Revered by Roman Catholic, Greek Orthodox, Coptic, Syrian Orthodox and Armenian Catholics as the site of the crucifixion, burial and resurrection, this landmark in the Christian Quarter of the Old City of Jerusalem encompasses the last six of the 14 Stations of the Cross (Via Dolorosa).

Holy Sepulchre is open daily for free from 5am to dusk, with separate chapels for each of the denominations’ services. Click here for information.

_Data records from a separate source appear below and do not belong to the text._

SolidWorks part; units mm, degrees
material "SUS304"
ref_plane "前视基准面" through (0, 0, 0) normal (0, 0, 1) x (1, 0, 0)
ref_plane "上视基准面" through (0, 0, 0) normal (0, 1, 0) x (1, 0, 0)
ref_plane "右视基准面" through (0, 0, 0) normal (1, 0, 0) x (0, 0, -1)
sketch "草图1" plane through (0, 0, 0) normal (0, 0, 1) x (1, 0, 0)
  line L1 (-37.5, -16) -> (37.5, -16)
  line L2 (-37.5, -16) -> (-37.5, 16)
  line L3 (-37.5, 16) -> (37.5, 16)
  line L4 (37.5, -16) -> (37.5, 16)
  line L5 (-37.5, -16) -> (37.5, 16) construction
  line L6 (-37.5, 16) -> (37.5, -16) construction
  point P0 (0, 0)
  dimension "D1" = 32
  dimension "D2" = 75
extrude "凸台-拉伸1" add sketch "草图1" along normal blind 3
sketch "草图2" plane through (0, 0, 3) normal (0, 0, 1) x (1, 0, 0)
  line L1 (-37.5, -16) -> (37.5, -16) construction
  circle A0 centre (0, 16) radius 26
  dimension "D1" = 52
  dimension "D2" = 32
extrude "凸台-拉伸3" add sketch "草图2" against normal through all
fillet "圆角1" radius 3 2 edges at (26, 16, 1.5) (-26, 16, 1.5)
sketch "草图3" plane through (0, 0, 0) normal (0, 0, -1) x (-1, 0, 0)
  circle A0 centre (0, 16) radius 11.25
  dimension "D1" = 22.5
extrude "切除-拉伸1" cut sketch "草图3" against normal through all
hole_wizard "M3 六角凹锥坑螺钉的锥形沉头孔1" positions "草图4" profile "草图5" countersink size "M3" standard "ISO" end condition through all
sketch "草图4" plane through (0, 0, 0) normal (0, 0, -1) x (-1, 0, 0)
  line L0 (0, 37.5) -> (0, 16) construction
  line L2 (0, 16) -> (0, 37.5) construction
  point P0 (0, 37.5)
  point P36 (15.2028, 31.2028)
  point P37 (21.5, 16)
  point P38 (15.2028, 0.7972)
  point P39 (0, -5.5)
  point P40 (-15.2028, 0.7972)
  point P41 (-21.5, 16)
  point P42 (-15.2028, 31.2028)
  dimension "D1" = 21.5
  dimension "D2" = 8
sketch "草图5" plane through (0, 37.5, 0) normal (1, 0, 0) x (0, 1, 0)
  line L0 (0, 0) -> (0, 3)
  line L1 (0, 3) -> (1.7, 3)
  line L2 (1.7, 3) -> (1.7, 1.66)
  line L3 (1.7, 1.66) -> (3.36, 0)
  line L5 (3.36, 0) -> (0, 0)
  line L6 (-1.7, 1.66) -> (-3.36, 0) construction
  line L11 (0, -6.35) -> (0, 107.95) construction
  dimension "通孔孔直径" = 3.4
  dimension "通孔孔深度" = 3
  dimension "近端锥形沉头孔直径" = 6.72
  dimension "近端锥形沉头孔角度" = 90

The ancient church, whose basilica floor is being renovated, is the scene of a centuries-old Ceremony of the Holy Fire on Easter, when Orthodox patriarchs enter the church’s tomb and come out with candles believed to be lit miraculously. The flame is passed along to candles held by visitors.

  1. Garden Tomb
The Garden Tomb, outside the walls of the Old City of Jerusalem. Photo by Valen Zi, Shutterstock

The Garden Tomb, north of the Jerusalem Old City’s Damascus Gate near the American Colony Hotel, is believed by many Protestants to be the garden and sepulchre of Joseph of Arimathea, and therefore a possible site of the resurrection of Jesus. The Garden Tomb is owned and administered by a Christian non-denominational charitable trust based in the United Kingdom.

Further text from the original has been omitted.